Trump campaigned on the false story of an America in steep decline. He embellished this story with endless lies and demagoguery about immigrants, and about how international engagement supposedly resulted in foreign leaders “laughing at” and “humiliating” us. Central to this tale was the constant refrain that our military has been “depleted,” the ultimate symbol of that national decline.

Trump’s claim to having rebuilt the military is also foundational to his tale of revived American greatness — and his own authorship of it. He pulled out of the Iran deal — international diplomacy had produced a “weak” solution — and will now force Iranian capitulation by threatening unilateral “obliteration.”

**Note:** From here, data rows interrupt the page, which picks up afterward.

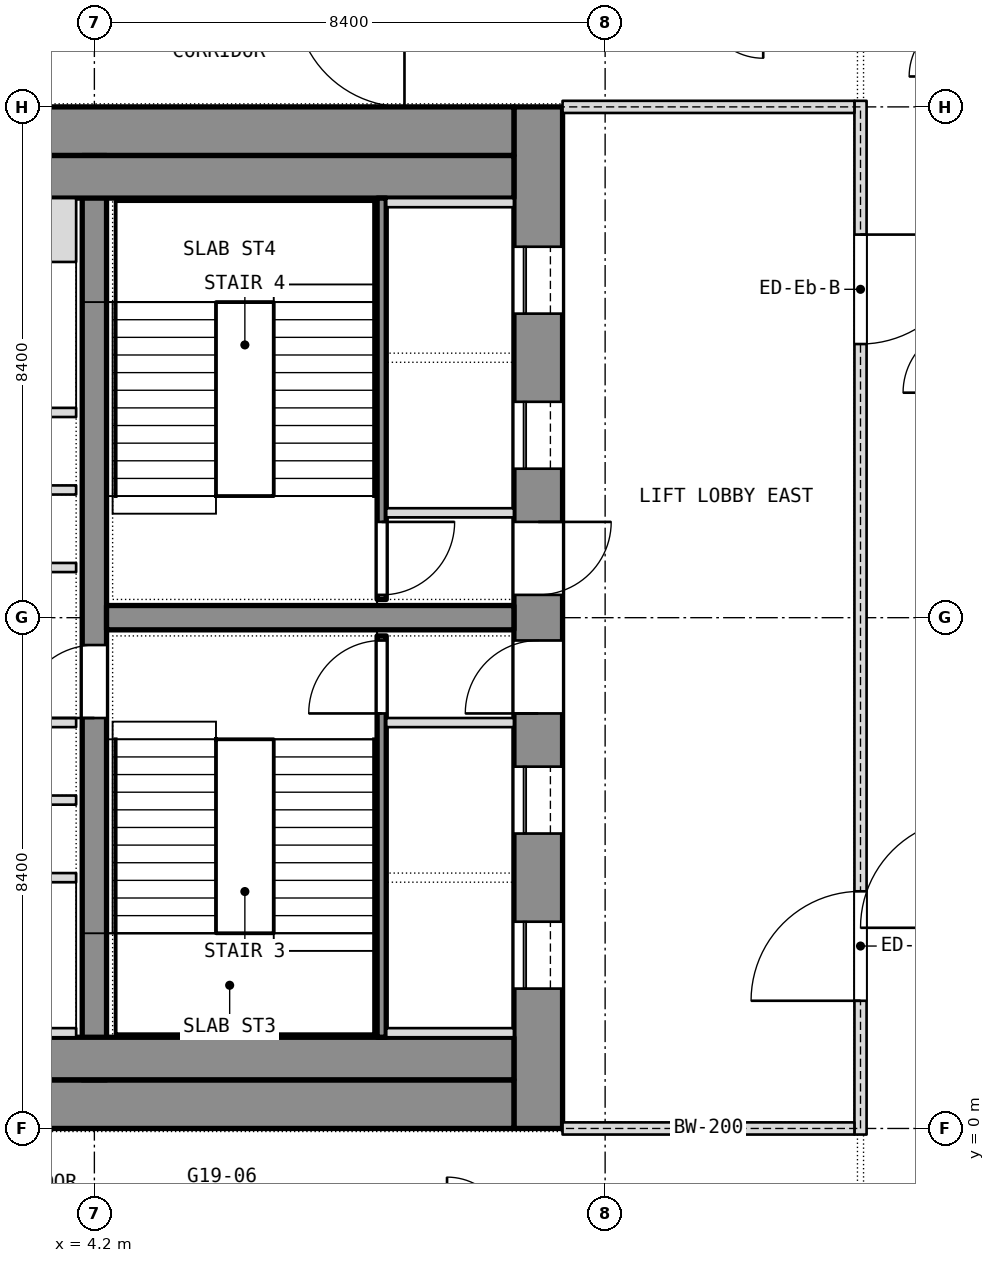
"""IFC4 building model, lengths in metres.
Left out: names, types, materials, properties, quantities, classifications, styles, units other than length and angle.
Written with IfcOpenShell. Run it as: python <this file> out.ifc"""

import sys

from ifc_helpers import new_model, si_unit, direction, frame, frame_2d, origin, place, context, subcontext, project, spatial, rectangle, extrude, element, fill, save


model = new_model("IFC4")
c1 = context("Model", 3, precision=1e-05, world=origin(), true_north=direction((0.0, 1.0)))
c2 = subcontext(c1, "Body", "Model", "MODEL_VIEW")
j1 = project(units=[si_unit("LENGTHUNIT", "METRE"), si_unit("PLANEANGLEUNIT", "RADIAN")], contexts=[c1])
p1 = place(None, origin())
s1 = spatial("IfcSite", under=j1, at=p1, CompositionType="ELEMENT")
p2 = place(p1, origin())
s2 = spatial("IfcBuilding", under=s1, at=p2, CompositionType="ELEMENT")
p3 = place(p2, frame((0.0, 0.0, 227.3)))
s3 = spatial("IfcBuildingStorey", under=s2, at=p3, CompositionType="ELEMENT", Elevation=227.3)
p4 = place(p3, frame((11.5, 0.0, 0.0), z_axis=(0.0, 0.0, 1.0), x_axis=(0.0, 1.0, 0.0)))
e1 = element("IfcWall", 1, at=p4, inside=s3, PredefinedType="SHEAR", context=c2, shape_type="SweptSolid", body=[
    extrude(rectangle(XDim=16.8, YDim=0.8, at=frame_2d((8.4, 0.0))), origin(), (0.0, 0.0, 1.0), 3.6),
])
p5 = place(p4, frame((2.3, 0.0, 0.0)))
e2 = element("IfcOpeningElement", 2, at=p5, cuts=e1, PredefinedType="OPENING", context=c2, shape_type="SweptSolid", body=[
    extrude(rectangle(XDim=1.1, YDim=2.1, at=frame_2d((0.55, 1.05))), frame((0.0, 0.4, 0.0), z_axis=(0.0, -1.0, 0.0), x_axis=(1.0, 0.0, 0.0)), (0.0, 0.0, 1.0), 0.8),
])
p6 = place(p4, frame((4.85, 0.0, 0.0)))
e3 = element("IfcOpeningElement", 3, at=p6, cuts=e1, PredefinedType="OPENING", context=c2, shape_type="SweptSolid", body=[
    extrude(rectangle(XDim=1.1, YDim=2.1, at=frame_2d((0.55, 1.05))), frame((0.0, 0.4, 0.0), z_axis=(0.0, -1.0, 0.0), x_axis=(1.0, 0.0, 0.0)), (0.0, 0.0, 1.0), 0.8),
])
p7 = place(p4, frame((6.825, 0.0, 0.0)))
e4 = element("IfcOpeningElement", 4, at=p7, cuts=e1, PredefinedType="OPENING", context=c2, shape_type="SweptSolid", body=[
    extrude(rectangle(XDim=1.2, YDim=2.1, at=frame_2d((0.6, 1.05))), frame((0.0, 0.4, 0.0), z_axis=(0.0, -1.0, 0.0), x_axis=(1.0, 0.0, 0.0)), (0.0, 0.0, 1.0), 0.8),
])
p8 = place(p4, frame((13.4, 0.0, 0.0)))
e5 = element("IfcOpeningElement", 5, at=p8, cuts=e1, PredefinedType="OPENING", context=c2, shape_type="SweptSolid", body=[
    extrude(rectangle(XDim=1.1, YDim=2.1, at=frame_2d((0.55, 1.05))), frame((0.0, 0.4, 0.0), z_axis=(0.0, -1.0, 0.0), x_axis=(1.0, 0.0, 0.0)), (0.0, 0.0, 1.0), 0.8),
])
p9 = place(p4, frame((10.85, 0.0, 0.0)))
e6 = element("IfcOpeningElement", 6, at=p9, cuts=e1, PredefinedType="OPENING", context=c2, shape_type="SweptSolid", body=[
    extrude(rectangle(XDim=1.1, YDim=2.1, at=frame_2d((0.55, 1.05))), frame((0.0, 0.4, 0.0), z_axis=(0.0, -1.0, 0.0), x_axis=(1.0, 0.0, 0.0)), (0.0, 0.0, 1.0), 0.8),
])
p10 = place(p4, frame((8.775, 0.0, 0.0)))
e7 = element("IfcOpeningElement", 7, at=p10, cuts=e1, PredefinedType="OPENING", context=c2, shape_type="SweptSolid", body=[
    extrude(rectangle(XDim=1.2, YDim=2.1, at=frame_2d((0.6, 1.05))), frame((0.0, 0.4, 0.0), z_axis=(0.0, -1.0, 0.0), x_axis=(1.0, 0.0, 0.0)), (0.0, 0.0, 1.0), 0.8),
])
for number, where, z_axis, x_axis in (
    (8, (-11.1, 0.4, 0.0), (0.0, 0.0, 1.0), (1.0, 0.0, 0.0)),
    (9, (-11.1, 16.4, 0.0), (0.0, 0.0, 1.0), (1.0, 0.0, 0.0)),
):
    element("IfcWall", number, at=place(p3, frame(where, z_axis=z_axis, x_axis=x_axis)), inside=s3, PredefinedType="SHEAR", context=c2, shape_type="SweptSolid", body=[
        extrude(rectangle(XDim=22.2, YDim=0.8, at=frame_2d((11.1, 0.0))), origin(), (0.0, 0.0, 1.0), 3.6),
    ])
p11 = place(p3, frame((4.2, 0.8, 0.0), z_axis=(0.0, 0.0, 1.0), x_axis=(0.0, 1.0, 0.0)))
e10 = element("IfcWall", 10, at=p11, inside=s3, PredefinedType="SHEAR", context=c2, shape_type="SweptSolid", body=[
    extrude(rectangle(XDim=15.2, YDim=0.4, at=frame_2d((7.6, 0.0))), origin(), (0.0, 0.0, 1.0), 3.6),
])
p12 = place(p11, frame((5.95, 0.0, 0.0)))
e11 = element("IfcOpeningElement", 11, at=p12, cuts=e10, PredefinedType="OPENING", context=c2, shape_type="SweptSolid", body=[
    extrude(rectangle(XDim=1.2, YDim=2.1, at=frame_2d((0.6, 1.05))), frame((0.0, 0.2, 0.0), z_axis=(0.0, -1.0, 0.0), x_axis=(1.0, 0.0, 0.0)), (0.0, 0.0, 1.0), 0.4),
])
p13 = place(p3, frame((4.4, 8.4, 0.0), z_axis=(0.0, 0.0, 1.0), x_axis=(1.0, 0.0, 0.0)))
e12 = element("IfcWall", 12, at=p13, inside=s3, PredefinedType="SHEAR", context=c2, shape_type="SweptSolid", body=[
    extrude(rectangle(XDim=6.7, YDim=0.4, at=frame_2d((3.35, 0.0))), origin(), (0.0, 0.0, 1.0), 3.6),
])
for number, where, z_axis, x_axis in (
    (13, (-11.1, 1.15, 0.0), (0.0, 0.0, 1.0), (1.0, 0.0, 0.0)),
    (14, (-11.1, 15.65, 0.0), (0.0, 0.0, 1.0), (1.0, 0.0, 0.0)),
):
    element("IfcWall", number, at=place(p3, frame(where, z_axis=z_axis, x_axis=x_axis)), inside=s3, PredefinedType="PARTITIONING", context=c2, shape_type="SweptSolid", body=[
        extrude(rectangle(XDim=22.2, YDim=0.7, at=frame_2d((11.1, 0.0))), origin(), (0.0, 0.0, 1.0), 3.34),
    ])
p14 = place(p3, frame((8.925, 1.5, 0.0), z_axis=(0.0, 0.0, 1.0), x_axis=(0.0, 1.0, 0.0)))
e15 = element("IfcWall", 15, at=p14, inside=s3, PredefinedType="SHEAR", context=c2, shape_type="SweptSolid", body=[
    extrude(rectangle(XDim=6.6, YDim=0.15, at=frame_2d((3.3, 0.0))), origin(), (0.0, 0.0, 1.0), 3.34),
])
p15 = place(p14, frame((5.325, 0.0, 0.0)))
e16 = element("IfcOpeningElement", 16, at=p15, cuts=e15, PredefinedType="OPENING", context=c2, shape_type="SweptSolid", body=[
    extrude(rectangle(XDim=1.2, YDim=2.1, at=frame_2d((0.6, 1.05))), frame((0.0, 0.075, 0.0), z_axis=(0.0, -1.0, 0.0), x_axis=(1.0, 0.0, 0.0)), (0.0, 0.0, 1.0), 0.15),
])
for number, where, z_axis, x_axis in (
    (17, (9.0, 6.675, 0.0), (0.0, 0.0, 1.0), (1.0, 0.0, 0.0)),
    (18, (9.0, 1.575, 0.0), (0.0, 0.0, 1.0), (1.0, 0.0, 0.0)),
):
    element("IfcWall", number, at=place(p3, frame(where, z_axis=z_axis, x_axis=x_axis)), inside=s3, PredefinedType="SHEAR", context=c2, shape_type="SweptSolid", body=[
        extrude(rectangle(XDim=2.1, YDim=0.15, at=frame_2d((1.05, 0.0))), origin(), (0.0, 0.0, 1.0), 3.6),
    ])
p16 = place(p3, frame((8.925, 8.7, 0.0), z_axis=(0.0, 0.0, 1.0), x_axis=(0.0, 1.0, 0.0)))
e19 = element("IfcWall", 19, at=p16, inside=s3, PredefinedType="SHEAR", context=c2, shape_type="SweptSolid", body=[
    extrude(rectangle(XDim=6.6, YDim=0.15, at=frame_2d((3.3, 0.0))), origin(), (0.0, 0.0, 1.0), 3.34),
])
p17 = place(p16, frame((0.075, 0.0, 0.0)))
e20 = element("IfcOpeningElement", 20, at=p17, cuts=e19, PredefinedType="OPENING", context=c2, shape_type="SweptSolid", body=[
    extrude(rectangle(XDim=1.2, YDim=2.1, at=frame_2d((0.6, 1.05))), frame((0.0, 0.075, 0.0), z_axis=(0.0, -1.0, 0.0), x_axis=(1.0, 0.0, 0.0)), (0.0, 0.0, 1.0), 0.15),
])
for number, where, z_axis, x_axis in (
    (21, (9.0, 10.125, 0.0), (0.0, 0.0, 1.0), (1.0, 0.0, 0.0)),
    (22, (9.0, 15.225, 0.0), (0.0, 0.0, 1.0), (1.0, 0.0, 0.0)),
):
    element("IfcWall", number, at=place(p3, frame(where, z_axis=z_axis, x_axis=x_axis)), inside=s3, PredefinedType="SHEAR", context=c2, shape_type="SweptSolid", body=[
        extrude(rectangle(XDim=2.1, YDim=0.15, at=frame_2d((1.05, 0.0))), origin(), (0.0, 0.0, 1.0), 3.6),
    ])
p18 = place(p3, frame((-3.9, 4.125, 0.0), z_axis=(0.0, 0.0, 1.0), x_axis=(1.0, 0.0, 0.0)))
e23 = element("IfcWall", 23, at=p18, inside=s3, PredefinedType="PARTITIONING", context=c2, shape_type="SweptSolid", body=[
    extrude(rectangle(XDim=7.8, YDim=0.15, at=frame_2d((3.9, 0.0))), origin(), (0.0, 0.0, 1.0), 3.34),
])
p19 = place(p18, frame((3.75, 0.0, 0.0)))
e24 = element("IfcOpeningElement", 24, at=p19, cuts=e23, PredefinedType="OPENING", context=c2, shape_type="SweptSolid", body=[
    extrude(rectangle(XDim=1.2, YDim=2.1, at=frame_2d((0.6, 1.05))), frame((0.0, 0.075, 0.0), z_axis=(0.0, -1.0, 0.0), x_axis=(1.0, 0.0, 0.0)), (0.0, 0.0, 1.0), 0.15),
])
p20 = place(p3, frame((-3.9, 11.775, 0.0), z_axis=(0.0, 0.0, 1.0), x_axis=(1.0, 0.0, 0.0)))
e25 = element("IfcWall", 25, at=p20, inside=s3, PredefinedType="PARTITIONING", context=c2, shape_type="SweptSolid", body=[
    extrude(rectangle(XDim=7.8, YDim=0.15, at=frame_2d((3.9, 0.0))), origin(), (0.0, 0.0, 1.0), 3.34),
])
p21 = place(p20, frame((3.3, 0.0, 0.0)))
e26 = element("IfcOpeningElement", 26, at=p21, cuts=e25, PredefinedType="OPENING", context=c2, shape_type="SweptSolid", body=[
    extrude(rectangle(XDim=1.2, YDim=2.1, at=frame_2d((0.6, 1.05))), frame((0.0, 0.075, 0.0), z_axis=(0.0, -1.0, 0.0), x_axis=(1.0, 0.0, 0.0)), (0.0, 0.0, 1.0), 0.15),
])
p22 = place(p3, frame((1.65, 1.575, 0.0), z_axis=(0.0, 0.0, 1.0), x_axis=(1.0, 0.0, 0.0)))
e27 = element("IfcWall", 27, at=p22, inside=s3, PredefinedType="SHEAR", context=c2, shape_type="SweptSolid", body=[
    extrude(rectangle(XDim=2.25, YDim=0.15, at=frame_2d((1.125, 0.0))), origin(), (0.0, 0.0, 1.0), 3.6),
])
p23 = place(p3, frame((1.65, 14.775, 0.0), z_axis=(0.0, 0.0, 1.0), x_axis=(1.0, 0.0, 0.0)))
e28 = element("IfcWall", 28, at=p23, inside=s3, PredefinedType="SHEAR", context=c2, shape_type="SweptSolid", body=[
    extrude(rectangle(XDim=2.25, YDim=1.05, at=frame_2d((1.125, 0.0))), origin(), (0.0, 0.0, 1.0), 3.6),
])
for number, where, z_axis, x_axis in (
    (29, (1.65, 6.675, 0.0), (0.0, 0.0, 1.0), (1.0, 0.0, 0.0)),
    (30, (1.65, 9.225, 0.0), (0.0, 0.0, 1.0), (1.0, 0.0, 0.0)),
):
    element("IfcWall", number, at=place(p3, frame(where, z_axis=z_axis, x_axis=x_axis)), inside=s3, PredefinedType="PARTITIONING", context=c2, shape_type="SweptSolid", body=[
        extrude(rectangle(XDim=2.25, YDim=0.15, at=frame_2d((1.125, 0.0))), origin(), (0.0, 0.0, 1.0), 3.34),
    ])
for number, where, z_axis, x_axis in (
    (31, (1.8, 5.4, 0.0), (0.0, 0.0, 1.0), (1.0, 0.0, 0.0)),
    (32, (1.8, 10.5, 0.0), (0.0, 0.0, 1.0), (1.0, 0.0, 0.0)),
):
    element("IfcWall", number, at=place(p3, frame(where, z_axis=z_axis, x_axis=x_axis)), inside=s3, PredefinedType="PARTITIONING", context=c2, shape_type="SweptSolid", body=[
        extrude(rectangle(XDim=2.1, YDim=0.15, at=frame_2d((1.05, 0.0))), origin(), (0.0, 0.0, 1.0), 3.34),
    ])
p24 = place(p3, frame((16.8, -0.1, 0.0), z_axis=(0.0, 0.0, 1.0), x_axis=(0.0, 1.0, 0.0)))
e33 = element("IfcWall", 33, at=p24, inside=s3, PredefinedType="PARTITIONING", context=c2, shape_type="SweptSolid", body=[
    extrude(rectangle(XDim=17.0, YDim=0.2, at=frame_2d((8.5, 0.0))), origin(), (0.0, 0.0, 1.0), 3.34),
])
p25 = place(p24, frame((2.2, 0.0, 0.0)))
e34 = element("IfcOpeningElement", 34, at=p25, cuts=e33, PredefinedType="OPENING", context=c2, shape_type="SweptSolid", body=[
    extrude(rectangle(XDim=1.8, YDim=2.1, at=frame_2d((0.9, 1.05))), frame((0.0, 0.1, 0.0), z_axis=(0.0, -1.0, 0.0), x_axis=(1.0, 0.0, 0.0)), (0.0, 0.0, 1.0), 0.2),
])
p26 = place(p24, frame((13.0, 0.0, 0.0)))
e35 = element("IfcOpeningElement", 35, at=p26, cuts=e33, PredefinedType="OPENING", context=c2, shape_type="SweptSolid", body=[
    extrude(rectangle(XDim=1.8, YDim=2.1, at=frame_2d((0.9, 1.05))), frame((0.0, 0.1, 0.0), z_axis=(0.0, -1.0, 0.0), x_axis=(1.0, 0.0, 0.0)), (0.0, 0.0, 1.0), 0.2),
])
for number, where, z_axis, x_axis in (
    (36, (11.9, 0.0, 0.0), (0.0, 0.0, 1.0), (1.0, 0.0, 0.0)),
    (37, (11.9, 16.8, 0.0), (0.0, 0.0, 1.0), (1.0, 0.0, 0.0)),
):
    element("IfcWall", number, at=place(p3, frame(where, z_axis=z_axis, x_axis=x_axis)), inside=s3, PredefinedType="PARTITIONING", context=c2, shape_type="SweptSolid", body=[
        extrude(rectangle(XDim=4.8, YDim=0.2, at=frame_2d((2.4, 0.0))), origin(), (0.0, 0.0, 1.0), 2.94),
    ])
p27 = place(p5, origin())
e38 = element("IfcDoor", 38, at=p27, inside=s3, OperationType="SLIDING_TO_LEFT", PredefinedType="DOOR", context=c2, shape_type="SweptSolid", body=[
    extrude(rectangle(XDim=1.1, YDim=2.1, at=frame_2d((0.55, 1.05))), frame((0.0, 0.025, 0.0), z_axis=(0.0, -1.0, 0.0), x_axis=(1.0, 0.0, 0.0)), (0.0, 0.0, 1.0), 0.05),
])
fill(e2, e38)
p28 = place(p6, origin())
e39 = element("IfcDoor", 39, at=p28, inside=s3, OperationType="SLIDING_TO_LEFT", PredefinedType="DOOR", context=c2, shape_type="SweptSolid", body=[
    extrude(rectangle(XDim=1.1, YDim=2.1, at=frame_2d((0.55, 1.05))), frame((0.0, 0.025, 0.0), z_axis=(0.0, -1.0, 0.0), x_axis=(1.0, 0.0, 0.0)), (0.0, 0.0, 1.0), 0.05),
])
fill(e3, e39)
p29 = place(p7, origin())
e40 = element("IfcDoor", 40, at=p29, inside=s3, OperationType="SINGLE_SWING_LEFT", PredefinedType="DOOR", context=c2, shape_type="SweptSolid", body=[
    extrude(rectangle(XDim=1.2, YDim=2.1, at=frame_2d((0.6, 1.05))), frame((0.0, 0.025, 0.0), z_axis=(0.0, -1.0, 0.0), x_axis=(1.0, 0.0, 0.0)), (0.0, 0.0, 1.0), 0.05),
])
fill(e4, e40)
p30 = place(p15, origin())
e41 = element("IfcDoor", 41, at=p30, inside=s3, OperationType="SINGLE_SWING_LEFT", PredefinedType="DOOR", context=c2, shape_type="SweptSolid", body=[
    extrude(rectangle(XDim=1.2, YDim=2.1, at=frame_2d((0.6, 1.05))), frame((0.0, 0.025, 0.0), z_axis=(0.0, -1.0, 0.0), x_axis=(1.0, 0.0, 0.0)), (0.0, 0.0, 1.0), 0.05),
])
fill(e16, e41)
p31 = place(p8, origin())
e42 = element("IfcDoor", 42, at=p31, inside=s3, OperationType="SLIDING_TO_LEFT", PredefinedType="DOOR", context=c2, shape_type="SweptSolid", body=[
    extrude(rectangle(XDim=1.1, YDim=2.1, at=frame_2d((0.55, 1.05))), frame((0.0, 0.025, 0.0), z_axis=(0.0, -1.0, 0.0), x_axis=(1.0, 0.0, 0.0)), (0.0, 0.0, 1.0), 0.05),
])
fill(e5, e42)
p32 = place(p9, origin())
e43 = element("IfcDoor", 43, at=p32, inside=s3, OperationType="SLIDING_TO_LEFT", PredefinedType="DOOR", context=c2, shape_type="SweptSolid", body=[
    extrude(rectangle(XDim=1.1, YDim=2.1, at=frame_2d((0.55, 1.05))), frame((0.0, 0.025, 0.0), z_axis=(0.0, -1.0, 0.0), x_axis=(1.0, 0.0, 0.0)), (0.0, 0.0, 1.0), 0.05),
])
fill(e6, e43)
p33 = place(p10, origin())
e44 = element("IfcDoor", 44, at=p33, inside=s3, OperationType="SINGLE_SWING_LEFT", PredefinedType="DOOR", context=c2, shape_type="SweptSolid", body=[
    extrude(rectangle(XDim=1.2, YDim=2.1, at=frame_2d((0.6, 1.05))), frame((0.0, 0.025, 0.0), z_axis=(0.0, -1.0, 0.0), x_axis=(1.0, 0.0, 0.0)), (0.0, 0.0, 1.0), 0.05),
])
fill(e7, e44)
p34 = place(p17, origin())
e45 = element("IfcDoor", 45, at=p34, inside=s3, OperationType="SINGLE_SWING_LEFT", PredefinedType="DOOR", context=c2, shape_type="SweptSolid", body=[
    extrude(rectangle(XDim=1.2, YDim=2.1, at=frame_2d((0.6, 1.05))), frame((0.0, 0.025, 0.0), z_axis=(0.0, -1.0, 0.0), x_axis=(1.0, 0.0, 0.0)), (0.0, 0.0, 1.0), 0.05),
])
fill(e20, e45)
p35 = place(p12, origin())
e46 = element("IfcDoor", 46, at=p35, inside=s3, OperationType="SINGLE_SWING_LEFT", PredefinedType="DOOR", context=c2, shape_type="SweptSolid", body=[
    extrude(rectangle(XDim=1.2, YDim=2.1, at=frame_2d((0.6, 1.05))), frame((0.0, 0.025, 0.0), z_axis=(0.0, -1.0, 0.0), x_axis=(1.0, 0.0, 0.0)), (0.0, 0.0, 1.0), 0.05),
])
fill(e11, e46)
p36 = place(p25, origin())
e47 = element("IfcDoor", 47, at=p36, inside=s3, OperationType="DOUBLE_DOOR_SINGLE_SWING", PredefinedType="DOOR", context=c2, shape_type="SweptSolid", body=[
    extrude(rectangle(XDim=1.8, YDim=2.1, at=frame_2d((0.9, 1.05))), frame((0.0, 0.025, 0.0), z_axis=(0.0, -1.0, 0.0), x_axis=(1.0, 0.0, 0.0)), (0.0, 0.0, 1.0), 0.05),
])
fill(e34, e47)
p37 = place(p26, origin())
e48 = element("IfcDoor", 48, at=p37, inside=s3, OperationType="DOUBLE_DOOR_SINGLE_SWING", PredefinedType="DOOR", context=c2, shape_type="SweptSolid", body=[
    extrude(rectangle(XDim=1.8, YDim=2.1, at=frame_2d((0.9, 1.05))), frame((0.0, 0.025, 0.0), z_axis=(0.0, -1.0, 0.0), x_axis=(1.0, 0.0, 0.0)), (0.0, 0.0, 1.0), 0.05),
])
fill(e35, e48)
save(model, sys.argv[1])

There is no doubt that Trump envisions this July 4th speech — delivered amid a show of military might — as a display of his own imagined role in “restoring” U.S. greatness.

Trump is all id and instinct; it’s possible he actually believes he somehow magically restored the military — in just two years — from ruin to greatness. I can’t tell if there have been any significant changes in U.S. military strength from what it was in 2016, and I can’t find anyone other than Trump and right-wing think tank “fellows” who say otherwise. But we know that Trump cares nothing about national defense, or he wouldn’t have insulted NATO and Japan, kissed Kim Jong Un’s ass for a photo op, and winked at Russian interference in our elections. The military exists only to reflect Trump’s glory.

There may be another reason Trump is surrounding himself with symbols of might. He’s afraid of being booed.

The Fourth of July celebration exposes Trump to the sort of crowd from which he has been traditionally insulated. The event is held in Washington, which (along with its surrounding suburbs) is heavily Democratic. It is also drawing protesters who will fly the famous Baby Trump blimp. Trump is also alienating nonpolitical attendees who might resent him turning a hallowed ritual that is a traditional venue for unity and a respite from politics into another divisive spectacle.

Trump’s efforts to control the rally should be seen in the context of his fear that the crowd will boo him. He is advertising the event on his Twitter feed, cordoning off the immediate area around his speech for ticket holders, and giving tickets away to Republican donors. Trump has “requested that the chiefs for the Army, Navy, Air Force and Marines stand next to him.”

Get it? The service chiefs have to stand next to Trump as human patriotism bodyguards.

But does anyone on the planet look more ridiculous trying to be a Big Man? Not that I can think of.